CategoricalArrays.jl
CategoricalArrays.jl copied to clipboard
Add `Vector` conversion
Currently there is an inconsistency between Array and Vector conversions for categorical arrays
julia> x = CategoricalArray([1, 1, 1, 2, 2, 3]);
julia> Array(x)
6-element Array{Int64,1}:
1
1
1
2
2
3
julia> Vector(x)
6-element Array{CategoricalValue{Int64,UInt32},1}:
1
1
1
2
2
3
As mentioned on slack, a better solution overall would be to make Vector return a CategoricalArray and have an explicit uncategorize method.
Vector may not return CategoricalArray, as Vector has a very concrete meaning in Base (it should call a constructor of Vector that should allocate a fresh Vector as opposed to e.g. convert functions).
Good catch. These indeed have to return an Array, but we should decide whether to return an Array{Int} or an Array {<:CategoricalValue{Int}}. This is related to whether we keep the current similar and collect overloads, which ensure Array{<:CategoricalValue} is never produced: if we drop them, we could return Array{<:CategoricalValue{Int}}, which is somewhat more logical than Array{Int}.
EDIT: though reading the Slack thread it seems that Array{Int} is what was expected (in that case at least)
It was expected for consistency with Array. However, I think that in these cases we could allow some flexibility and change the behaviour if it helps in other areas.
if we drop them, we could return
Array{<:CategoricalValue{Int}}, which is somewhat more logical thanArray{Int}.
I think most people converting to a Array are just saying "I want out! give me numbers again!". I think Array{<:CategoricalValue{Int}} is fine as long as we give people an explicit decategorize command.

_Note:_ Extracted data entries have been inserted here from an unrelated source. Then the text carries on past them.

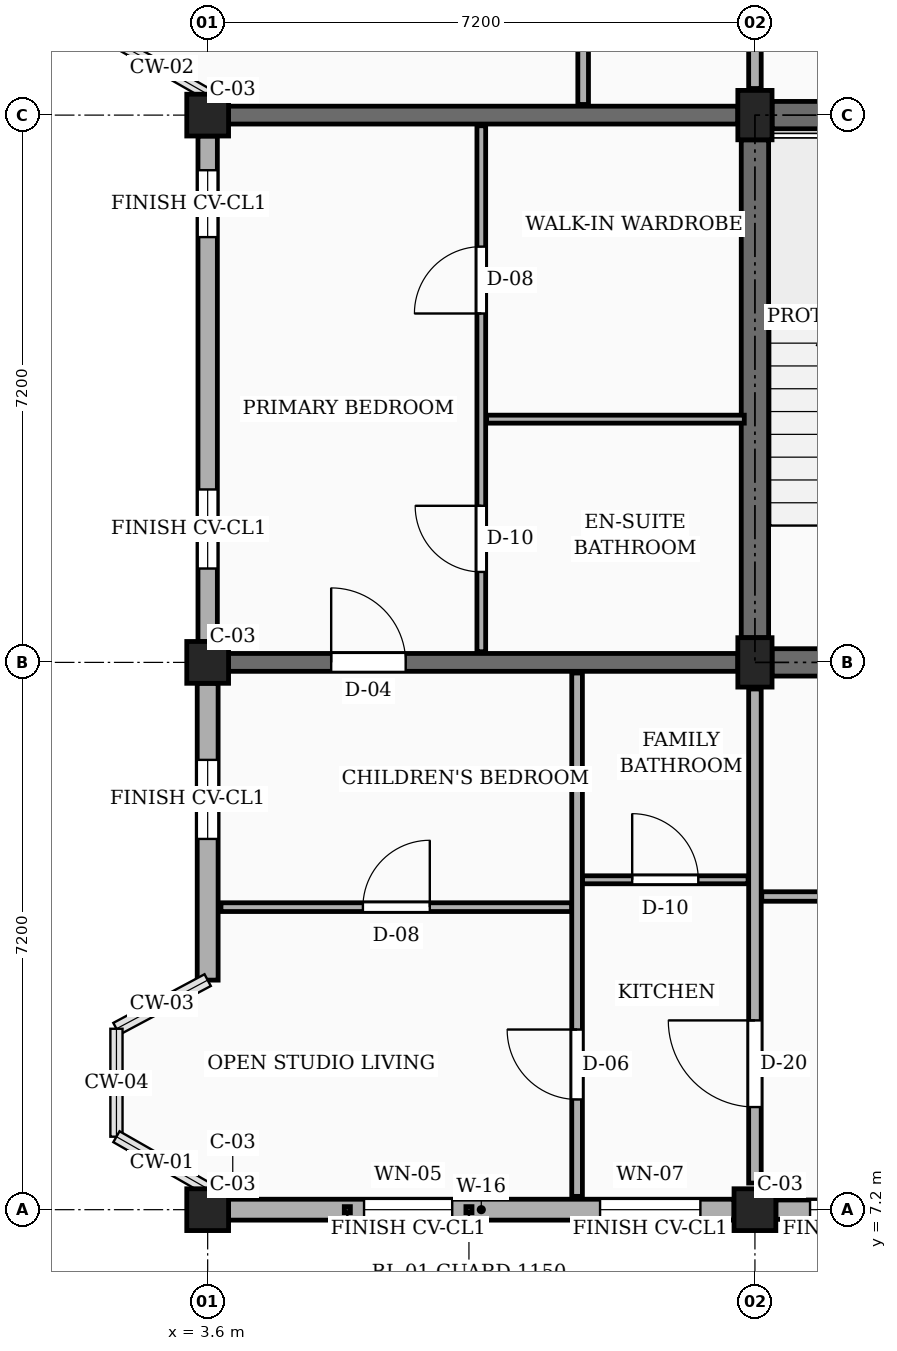
"""IFC4 building model, lengths in metres.
Left out: names, types, materials, properties, quantities, classifications, styles, units other than length and angle.
Written with IfcOpenShell. Run it as: python <this file> out.ifc"""

import sys

from ifc_helpers import new_model, si_unit, direction, frame, frame_2d, origin, origin_2d, place, context, subcontext, project, spatial, rectangle, extrude, element, fill, save


model = new_model("IFC4")
c1 = context("Model", 3, precision=1e-05, world=origin(), true_north=direction((0.0, 1.0)))
c2 = subcontext(c1, "Body", "Model", "MODEL_VIEW")
j1 = project(units=[si_unit("LENGTHUNIT", "METRE"), si_unit("PLANEANGLEUNIT", "RADIAN")], contexts=[c1])
p1 = place(None, origin())
s1 = spatial("IfcSite", under=j1, at=p1, CompositionType="ELEMENT")
p2 = place(p1, origin())
s2 = spatial("IfcBuilding", under=s1, at=p2, CompositionType="ELEMENT")
p3 = place(p2, frame((0.0, 0.0, 13.95)))
s3 = spatial("IfcBuildingStorey", under=s2, at=p3, CompositionType="ELEMENT", Elevation=13.95)
for number, where, z_axis, x_axis in (
    (1, (3.6, 7.2, 0.0), (0.0, 0.0, 1.0), (1.0, 0.0, 0.0)),
    (2, (3.6, 14.4, 0.0), (0.0, 0.0, 1.0), (1.0, 0.0, 0.0)),
    (3, (3.6, 21.6, 0.0), (0.0, 0.0, 1.0), (1.0, 0.0, 0.0)),
    (4, (10.8, 7.2, 0.0), (0.0, 0.0, 1.0), (1.0, 0.0, 0.0)),
):
    element("IfcColumn", number, at=place(p3, frame(where, z_axis=z_axis, x_axis=x_axis)), inside=s3, PredefinedType="COLUMN", context=c2, shape_type="SweptSolid", body=[
        extrude(rectangle(XDim=0.55, YDim=0.55, at=origin_2d()), origin(), (0.0, 0.0, 1.0), 3.15),
    ])
for number, where, z_axis, x_axis in (
    (5, (10.8, 14.4, 0.0), (0.0, 0.0, 1.0), (1.0, 0.0, 0.0)),
    (6, (10.8, 21.6, 0.0), (0.0, 0.0, 1.0), (1.0, 0.0, 0.0)),
):
    element("IfcColumn", number, at=place(p3, frame(where, z_axis=z_axis, x_axis=x_axis)), inside=s3, PredefinedType="COLUMN", context=c2, shape_type="SweptSolid", body=[
        extrude(rectangle(XDim=0.45, YDim=0.65, at=origin_2d()), origin(), (0.0, 0.0, 1.0), 3.15),
    ])
p4 = place(p3, frame((3.875, 14.4, 0.0), z_axis=(0.0, 0.0, 1.0), x_axis=(1.0, 0.0, 0.0)))
e7 = element("IfcWall", 7, at=p4, inside=s3, PredefinedType="SOLIDWALL", context=c2, shape_type="SweptSolid", body=[
    extrude(rectangle(XDim=6.7, YDim=0.235, at=frame_2d((3.35, 0.0))), origin(), (0.0, 0.0, 1.0), 2.17),
])
p5 = place(p4, frame((1.35, 0.0, 0.0)))
e8 = element("IfcOpeningElement", 8, at=p5, cuts=e7, PredefinedType="OPENING", context=c2, shape_type="SweptSolid", body=[
    extrude(rectangle(XDim=0.98, YDim=2.12, at=frame_2d((0.49, 1.06))), frame((0.0, 0.127, 0.0), z_axis=(0.0, -1.0, 0.0), x_axis=(1.0, 0.0, 0.0)), (0.0, 0.0, 1.0), 0.255),
])
p6 = place(p3, frame((3.875, 21.6, 0.0), z_axis=(0.0, 0.0, 1.0), x_axis=(1.0, 0.0, 0.0)))
e9 = element("IfcWall", 9, at=p6, inside=s3, PredefinedType="SOLIDWALL", context=c2, shape_type="SweptSolid", body=[
    extrude(rectangle(XDim=6.7, YDim=0.235, at=frame_2d((3.35, 0.0))), origin(), (0.0, 0.0, 1.0), 2.17),
])
p7 = place(p3, frame((3.875, 7.2, 0.0), z_axis=(0.0, 0.0, 1.0), x_axis=(1.0, 0.0, 0.0)))
e10 = element("IfcWall", 10, at=p7, inside=s3, PredefinedType="SOLIDWALL", context=c2, shape_type="SweptSolid", body=[
    extrude(rectangle(XDim=6.65, YDim=0.275, at=frame_2d((3.325, 0.0))), origin(), (0.0, 0.0, 1.0), 2.44),
])
p8 = place(p7, frame((1.782, 0.0, 0.78)))
e11 = element("IfcOpeningElement", 11, at=p8, cuts=e10, PredefinedType="OPENING", context=c2, shape_type="SweptSolid", body=[
    extrude(rectangle(XDim=1.16, YDim=1.15, at=frame_2d((0.58, 0.575))), frame((0.0, 0.147, 0.0), z_axis=(0.0, -1.0, 0.0), x_axis=(1.0, 0.0, 0.0)), (0.0, 0.0, 1.0), 0.295),
])
p9 = place(p7, frame((4.887, 0.0, 0.78)))
e12 = element("IfcOpeningElement", 12, at=p9, cuts=e10, PredefinedType="OPENING", context=c2, shape_type="SweptSolid", body=[
    extrude(rectangle(XDim=1.32, YDim=1.15, at=frame_2d((0.66, 0.575))), frame((0.0, 0.147, 0.0), z_axis=(0.0, -1.0, 0.0), x_axis=(1.0, 0.0, 0.0)), (0.0, 0.0, 1.0), 0.295),
])
p10 = place(p3, frame((11.075, 7.2, 0.0), z_axis=(0.0, 0.0, 1.0), x_axis=(1.0, 0.0, 0.0)))
e13 = element("IfcWall", 13, at=p10, inside=s3, PredefinedType="SOLIDWALL", context=c2, shape_type="SweptSolid", body=[
    extrude(rectangle(XDim=6.65, YDim=0.255, at=frame_2d((3.325, 0.0))), origin(), (0.0, 0.0, 1.0), 2.44),
])
p11 = place(p10, frame((0.45, 0.0, 0.78)))
e14 = element("IfcOpeningElement", 14, at=p11, cuts=e13, PredefinedType="OPENING", context=c2, shape_type="SweptSolid", body=[
    extrude(rectangle(XDim=1.32, YDim=1.15, at=frame_2d((0.66, 0.575))), frame((0.0, 0.137, 0.0), z_axis=(0.0, -1.0, 0.0), x_axis=(1.0, 0.0, 0.0)), (0.0, 0.0, 1.0), 0.275),
])
p12 = place(p10, frame((4.65, 0.0, 0.78)))
e15 = element("IfcOpeningElement", 15, at=p12, cuts=e13, PredefinedType="OPENING", context=c2, shape_type="SweptSolid", body=[
    extrude(rectangle(XDim=0.88, YDim=1.26, at=frame_2d((0.44, 0.63))), frame((0.0, 0.137, 0.0), z_axis=(0.0, -1.0, 0.0), x_axis=(1.0, 0.0, 0.0)), (0.0, 0.0, 1.0), 0.275),
])
p13 = place(p3, frame((3.6, 21.325, 0.0), z_axis=(0.0, 0.0, 1.0), x_axis=(0.0, -1.0, 0.0)))
e16 = element("IfcWall", 16, at=p13, inside=s3, PredefinedType="SOLIDWALL", context=c2, shape_type="SweptSolid", body=[
    extrude(rectangle(XDim=6.65, YDim=0.255, at=frame_2d((3.325, 0.0))), origin(), (0.0, 0.0, 1.0), 2.44),
])
p14 = place(p13, frame((0.45, 0.0, 0.78)))
e17 = element("IfcOpeningElement", 17, at=p14, cuts=e16, PredefinedType="OPENING", context=c2, shape_type="SweptSolid", body=[
    extrude(rectangle(XDim=0.88, YDim=1.26, at=frame_2d((0.44, 0.63))), frame((0.0, 0.137, 0.0), z_axis=(0.0, -1.0, 0.0), x_axis=(1.0, 0.0, 0.0)), (0.0, 0.0, 1.0), 0.275),
])
p15 = place(p13, frame((4.65, 0.0, 0.78)))
e18 = element("IfcOpeningElement", 18, at=p15, cuts=e16, PredefinedType="OPENING", context=c2, shape_type="SweptSolid", body=[
    extrude(rectangle(XDim=1.04, YDim=1.26, at=frame_2d((0.52, 0.63))), frame((0.0, 0.137, 0.0), z_axis=(0.0, -1.0, 0.0), x_axis=(1.0, 0.0, 0.0)), (0.0, 0.0, 1.0), 0.275),
])
p16 = place(p3, frame((3.6, 14.125, 0.0), z_axis=(0.0, 0.0, 1.0), x_axis=(0.0, -1.0, 0.0)))
e19 = element("IfcWall", 19, at=p16, inside=s3, PredefinedType="SOLIDWALL", context=c2, shape_type="SweptSolid", body=[
    extrude(rectangle(XDim=3.905, YDim=0.275, at=frame_2d((1.953, 0.0))), origin(), (0.0, 0.0, 1.0), 2.44),
])
p17 = place(p16, frame((1.008, 0.0, 0.78)))
e20 = element("IfcOpeningElement", 20, at=p17, cuts=e19, PredefinedType="OPENING", context=c2, shape_type="SweptSolid", body=[
    extrude(rectangle(XDim=1.04, YDim=1.26, at=frame_2d((0.52, 0.63))), frame((0.0, 0.147, 0.0), z_axis=(0.0, -1.0, 0.0), x_axis=(1.0, 0.0, 0.0)), (0.0, 0.0, 1.0), 0.295),
])
p18 = place(p3, frame((10.8, 14.725, 0.0), z_axis=(0.0, 0.0, 1.0), x_axis=(0.0, 1.0, 0.0)))
e21 = element("IfcWall", 21, at=p18, inside=s3, PredefinedType="SHEAR", context=c2, shape_type="SweptSolid", body=[
    extrude(rectangle(XDim=6.55, YDim=0.36, at=frame_2d((3.275, 0.0))), origin(), (0.0, 0.0, 1.0), 2.87),
])
for number, where, z_axis, x_axis in (
    (22, (11.025, 21.6, 0.0), (0.0, 0.0, 1.0), (1.0, 0.0, 0.0)),
    (23, (11.025, 14.4, 0.0), (0.0, 0.0, 1.0), (1.0, 0.0, 0.0)),
):
    element("IfcWall", number, at=place(p3, frame(where, z_axis=z_axis, x_axis=x_axis)), inside=s3, PredefinedType="SHEAR", context=c2, shape_type="SweptSolid", body=[
        extrude(rectangle(XDim=6.75, YDim=0.36, at=frame_2d((3.375, 0.0))), origin(), (0.0, 0.0, 1.0), 2.87),
    ])
p19 = place(p3, frame((10.8, 7.55, 0.0), z_axis=(0.0, 0.0, 1.0), x_axis=(0.0, 1.0, 0.0)))
e24 = element("IfcWall", 24, at=p19, inside=s3, PredefinedType="PARTITIONING", context=c2, shape_type="SweptSolid", body=[
    extrude(rectangle(XDim=6.5, YDim=0.165, at=frame_2d((3.25, 0.0))), origin(), (0.0, 0.0, 1.0), 2.305),
])
p20 = place(p19, frame((1.0, 0.0, 0.0)))
e25 = element("IfcOpeningElement", 25, at=p20, cuts=e24, PredefinedType="OPENING", context=c2, shape_type="SweptSolid", body=[
    extrude(rectangle(XDim=1.14, YDim=2.18, at=frame_2d((0.57, 1.09))), frame((0.0, 0.093, 0.0), z_axis=(0.0, -1.0, 0.0), x_axis=(1.0, 0.0, 0.0)), (0.0, 0.0, 1.0), 0.185),
])
p21 = place(p3, frame((10.8, 21.95, 0.0), z_axis=(0.0, 0.0, 1.0), x_axis=(0.0, 1.0, 0.0)))
e26 = element("IfcWall", 26, at=p21, inside=s3, PredefinedType="PARTITIONING", context=c2, shape_type="SweptSolid", body=[
    extrude(rectangle(XDim=6.5, YDim=0.165, at=frame_2d((3.25, 0.0))), origin(), (0.0, 0.0, 1.0), 2.305),
])
p22 = place(p21, frame((1.0, 0.0, 0.0)))
e27 = element("IfcOpeningElement", 27, at=p22, cuts=e26, PredefinedType="OPENING", context=c2, shape_type="SweptSolid", body=[
    extrude(rectangle(XDim=1.0, YDim=2.15, at=frame_2d((0.5, 1.075))), frame((0.0, 0.093, 0.0), z_axis=(0.0, -1.0, 0.0), x_axis=(1.0, 0.0, 0.0)), (0.0, 0.0, 1.0), 0.185),
])
p23 = place(p3, frame((10.89, 11.32, 0.0), z_axis=(0.0, 0.0, 1.0), x_axis=(1.0, 0.0, 0.0)))
e28 = element("IfcWall", 28, at=p23, inside=s3, PredefinedType="PARTITIONING", context=c2, shape_type="SweptSolid", body=[
    extrude(rectangle(XDim=7.02, YDim=0.125, at=frame_2d((3.51, 0.0))), origin(), (0.0, 0.0, 1.0), 2.305),
])
p24 = place(p23, frame((2.85, 0.0, 0.0)))
e29 = element("IfcOpeningElement", 29, at=p24, cuts=e28, PredefinedType="OPENING", context=c2, shape_type="SweptSolid", body=[
    extrude(rectangle(XDim=1.02, YDim=2.15, at=frame_2d((0.51, 1.075))), frame((0.0, 0.073, 0.0), z_axis=(0.0, -1.0, 0.0), x_axis=(1.0, 0.0, 0.0)), (0.0, 0.0, 1.0), 0.145),
])
p25 = place(p3, frame((3.775, 11.18, 0.0), z_axis=(0.0, 0.0, 1.0), x_axis=(1.0, 0.0, 0.0)))
e30 = element("IfcWall", 30, at=p25, inside=s3, PredefinedType="PARTITIONING", context=c2, shape_type="SweptSolid", body=[
    extrude(rectangle(XDim=4.615, YDim=0.115, at=frame_2d((2.308, 0.0))), origin(), (0.0, 0.0, 1.0), 2.305),
])
p26 = place(p25, frame((1.867, 0.0, 0.0)))
e31 = element("IfcOpeningElement", 31, at=p26, cuts=e30, PredefinedType="OPENING", context=c2, shape_type="SweptSolid", body=[
    extrude(rectangle(XDim=0.88, YDim=2.08, at=frame_2d((0.44, 1.04))), frame((0.0, 0.067, 0.0), z_axis=(0.0, -1.0, 0.0), x_axis=(1.0, 0.0, 0.0)), (0.0, 0.0, 1.0), 0.135),
])
p27 = place(p3, frame((8.53, 11.54, 0.0), z_axis=(0.0, 0.0, 1.0), x_axis=(1.0, 0.0, 0.0)))
e32 = element("IfcWall", 32, at=p27, inside=s3, PredefinedType="PARTITIONING", context=c2, shape_type="SweptSolid", body=[
    extrude(rectangle(XDim=2.18, YDim=0.105, at=frame_2d((1.09, 0.0))), origin(), (0.0, 0.0, 1.0), 2.305),
])
p28 = place(p27, frame((0.655, 0.0, 0.0)))
e33 = element("IfcOpeningElement", 33, at=p28, cuts=e32, PredefinedType="OPENING", context=c2, shape_type="SweptSolid", body=[
    extrude(rectangle(XDim=0.87, YDim=2.05, at=frame_2d((0.435, 1.025))), frame((0.0, 0.062, 0.0), z_axis=(0.0, -1.0, 0.0), x_axis=(1.0, 0.0, 0.0)), (0.0, 0.0, 1.0), 0.125),
])
p29 = place(p3, frame((8.46, 7.375, 0.0), z_axis=(0.0, 0.0, 1.0), x_axis=(0.0, 1.0, 0.0)))
e34 = element("IfcWall", 34, at=p29, inside=s3, PredefinedType="PARTITIONING", context=c2, shape_type="SweptSolid", body=[
    extrude(rectangle(XDim=6.885, YDim=0.14, at=frame_2d((3.442, 0.0))), origin(), (0.0, 0.0, 1.0), 2.305),
])
p30 = place(p29, frame((1.275, 0.0, 0.0)))
e35 = element("IfcOpeningElement", 35, at=p30, cuts=e34, PredefinedType="OPENING", context=c2, shape_type="SweptSolid", body=[
    extrude(rectangle(XDim=0.92, YDim=2.1, at=frame_2d((0.46, 1.05))), frame((0.0, 0.08, 0.0), z_axis=(0.0, -1.0, 0.0), x_axis=(1.0, 0.0, 0.0)), (0.0, 0.0, 1.0), 0.16),
])
p31 = place(p3, frame((7.2, 14.54, 0.0), z_axis=(0.0, 0.0, 1.0), x_axis=(0.0, 1.0, 0.0)))
e36 = element("IfcWall", 36, at=p31, inside=s3, PredefinedType="PARTITIONING", context=c2, shape_type="SweptSolid", body=[
    extrude(rectangle(XDim=6.92, YDim=0.115, at=frame_2d((3.46, 0.0))), origin(), (0.0, 0.0, 1.0), 2.305),
])
p32 = place(p31, frame((1.05, 0.0, 0.0)))
e37 = element("IfcOpeningElement", 37, at=p32, cuts=e36, PredefinedType="OPENING", context=c2, shape_type="SweptSolid", body=[
    extrude(rectangle(XDim=0.87, YDim=2.05, at=frame_2d((0.435, 1.025))), frame((0.0, 0.067, 0.0), z_axis=(0.0, -1.0, 0.0), x_axis=(1.0, 0.0, 0.0)), (0.0, 0.0, 1.0), 0.135),
])
p33 = place(p31, frame((4.45, 0.0, 0.0)))
e38 = element("IfcOpeningElement", 38, at=p33, cuts=e36, PredefinedType="OPENING", context=c2, shape_type="SweptSolid", body=[
    extrude(rectangle(XDim=0.88, YDim=2.08, at=frame_2d((0.44, 1.04))), frame((0.0, 0.067, 0.0), z_axis=(0.0, -1.0, 0.0), x_axis=(1.0, 0.0, 0.0)), (0.0, 0.0, 1.0), 0.135),
])
p34 = place(p3, frame((7.27, 17.6, 0.0), z_axis=(0.0, 0.0, 1.0), x_axis=(1.0, 0.0, 0.0)))
e39 = element("IfcWall", 39, at=p34, inside=s3, PredefinedType="PARTITIONING", context=c2, shape_type="SweptSolid", body=[
    extrude(rectangle(XDim=3.39, YDim=0.105, at=frame_2d((1.695, 0.0))), origin(), (0.0, 0.0, 1.0), 2.305),
])
p35 = place(p3, frame((8.54, 21.74, 0.0), z_axis=(0.0, 0.0, 1.0), x_axis=(0.0, 1.0, 0.0)))
e40 = element("IfcWall", 40, at=p35, inside=s3, PredefinedType="PARTITIONING", context=c2, shape_type="SweptSolid", body=[
    extrude(rectangle(XDim=6.92, YDim=0.14, at=frame_2d((3.46, 0.0))), origin(), (0.0, 0.0, 1.0), 2.305),
])
p36 = place(p35, frame((1.31, 0.0, 0.0)))
e41 = element("IfcOpeningElement", 41, at=p36, cuts=e40, PredefinedType="OPENING", context=c2, shape_type="SweptSolid", body=[
    extrude(rectangle(XDim=0.95, YDim=2.1, at=frame_2d((0.475, 1.05))), frame((0.0, 0.08, 0.0), z_axis=(0.0, -1.0, 0.0), x_axis=(1.0, 0.0, 0.0)), (0.0, 0.0, 1.0), 0.16),
])
p37 = place(p8, origin())
e42 = element("IfcWindow", 42, at=p37, inside=s3, PartitioningType="SINGLE_PANEL", PredefinedType="WINDOW", context=c2, shape_type="SweptSolid", body=[
    extrude(rectangle(XDim=1.16, YDim=1.15, at=frame_2d((0.58, 0.575))), frame((0.0, 0.03, 0.0), z_axis=(0.0, -1.0, 0.0), x_axis=(1.0, 0.0, 0.0)), (0.0, 0.0, 1.0), 0.06),
])
fill(e11, e42)
p38 = place(p9, origin())
e43 = element("IfcWindow", 43, at=p38, inside=s3, PartitioningType="SINGLE_PANEL", PredefinedType="WINDOW", context=c2, shape_type="SweptSolid", body=[
    extrude(rectangle(XDim=1.32, YDim=1.15, at=frame_2d((0.66, 0.575))), frame((0.0, 0.03, 0.0), z_axis=(0.0, -1.0, 0.0), x_axis=(1.0, 0.0, 0.0)), (0.0, 0.0, 1.0), 0.06),
])
fill(e12, e43)
p39 = place(p11, origin())
e44 = element("IfcWindow", 44, at=p39, inside=s3, PartitioningType="SINGLE_PANEL", PredefinedType="WINDOW", context=c2, shape_type="SweptSolid", body=[
    extrude(rectangle(XDim=1.32, YDim=1.15, at=frame_2d((0.66, 0.575))), frame((0.0, 0.03, 0.0), z_axis=(0.0, -1.0, 0.0), x_axis=(1.0, 0.0, 0.0)), (0.0, 0.0, 1.0), 0.06),
])
fill(e14, e44)
p40 = place(p14, origin())
e45 = element("IfcWindow", 45, at=p40, inside=s3, PartitioningType="SINGLE_PANEL", PredefinedType="WINDOW", context=c2, shape_type="SweptSolid", body=[
    extrude(rectangle(XDim=0.88, YDim=1.26, at=frame_2d((0.44, 0.63))), frame((0.0, 0.03, 0.0), z_axis=(0.0, -1.0, 0.0), x_axis=(1.0, 0.0, 0.0)), (0.0, 0.0, 1.0), 0.06),
])
fill(e17, e45)
p41 = place(p15, origin())
e46 = element("IfcWindow", 46, at=p41, inside=s3, PartitioningType="SINGLE_PANEL", PredefinedType="WINDOW", context=c2, shape_type="SweptSolid", body=[
    extrude(rectangle(XDim=1.04, YDim=1.26, at=frame_2d((0.52, 0.63))), frame((0.0, 0.03, 0.0), z_axis=(0.0, -1.0, 0.0), x_axis=(1.0, 0.0, 0.0)), (0.0, 0.0, 1.0), 0.06),
])
fill(e18, e46)
p42 = place(p17, origin())
e47 = element("IfcWindow", 47, at=p42, inside=s3, PartitioningType="SINGLE_PANEL", PredefinedType="WINDOW", context=c2, shape_type="SweptSolid", body=[
    extrude(rectangle(XDim=1.04, YDim=1.26, at=frame_2d((0.52, 0.63))), frame((0.0, 0.03, 0.0), z_axis=(0.0, -1.0, 0.0), x_axis=(1.0, 0.0, 0.0)), (0.0, 0.0, 1.0), 0.06),
])
fill(e20, e47)
p43 = place(p20, origin())
e48 = element("IfcDoor", 48, at=p43, inside=s3, OperationType="SINGLE_SWING_RIGHT", PredefinedType="DOOR", context=c2, shape_type="SweptSolid", body=[
    extrude(rectangle(XDim=1.14, YDim=2.18, at=frame_2d((0.57, 1.09))), frame((0.0, 0.025, 0.0), z_axis=(0.0, -1.0, 0.0), x_axis=(1.0, 0.0, 0.0)), (0.0, 0.0, 1.0), 0.05),
])
fill(e25, e48)
p44 = place(p26, origin())
e49 = element("IfcDoor", 49, at=p44, inside=s3, OperationType="SINGLE_SWING_RIGHT", PredefinedType="DOOR", context=c2, shape_type="SweptSolid", body=[
    extrude(rectangle(XDim=0.88, YDim=2.08, at=frame_2d((0.44, 1.04))), frame((0.0, 0.025, 0.0), z_axis=(0.0, -1.0, 0.0), x_axis=(1.0, 0.0, 0.0)), (0.0, 0.0, 1.0), 0.05),
])
fill(e31, e49)
p45 = place(p28, origin())
e50 = element("IfcDoor", 50, at=p45, inside=s3, OperationType="SINGLE_SWING_LEFT", PredefinedType="DOOR", context=c2, shape_type="SweptSolid", body=[
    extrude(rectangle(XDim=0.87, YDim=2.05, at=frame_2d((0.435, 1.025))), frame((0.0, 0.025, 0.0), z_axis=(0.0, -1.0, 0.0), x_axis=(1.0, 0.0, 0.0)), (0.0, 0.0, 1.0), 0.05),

broadcasted get now almost does it (except that it fails on missing)
Do we have a plan for get to work with missing?
I just had a frustrating experience with factors in R and thought Julia would be nicer, but this is still annoying.
passmissing(get)?
Ah that does work. Fair enough!
I don't really understand the choice of get to be honest, since a categorical value isn't a collection. If we made our own function we could define it for missing. But I appreciate the need to get to 1.0 and it's not that big a deal.
Actually get is also my long-standing gripe https://github.com/JuliaData/CategoricalArrays.jl/issues/142. I would change it if @nalimilan supported this (and then passmissing would not be needed).
AFAICT we agreed on using unwrap at #142. We just need to move the definition from Tables.jl to DataAPI.jl.
@quinnj - would you have time to make this move? Then we can update CategoricalArrays.jl
PR up: https://github.com/JuliaData/DataAPI.jl/pull/35. So I realized we don't really need to move anything from Tables.jl; the definitions there are...not really related and not really necessary. Like, they're not useful generically. So we just define the single unwrap(x) = x definition in DataAPI.jl that CategoricalArrays can overload.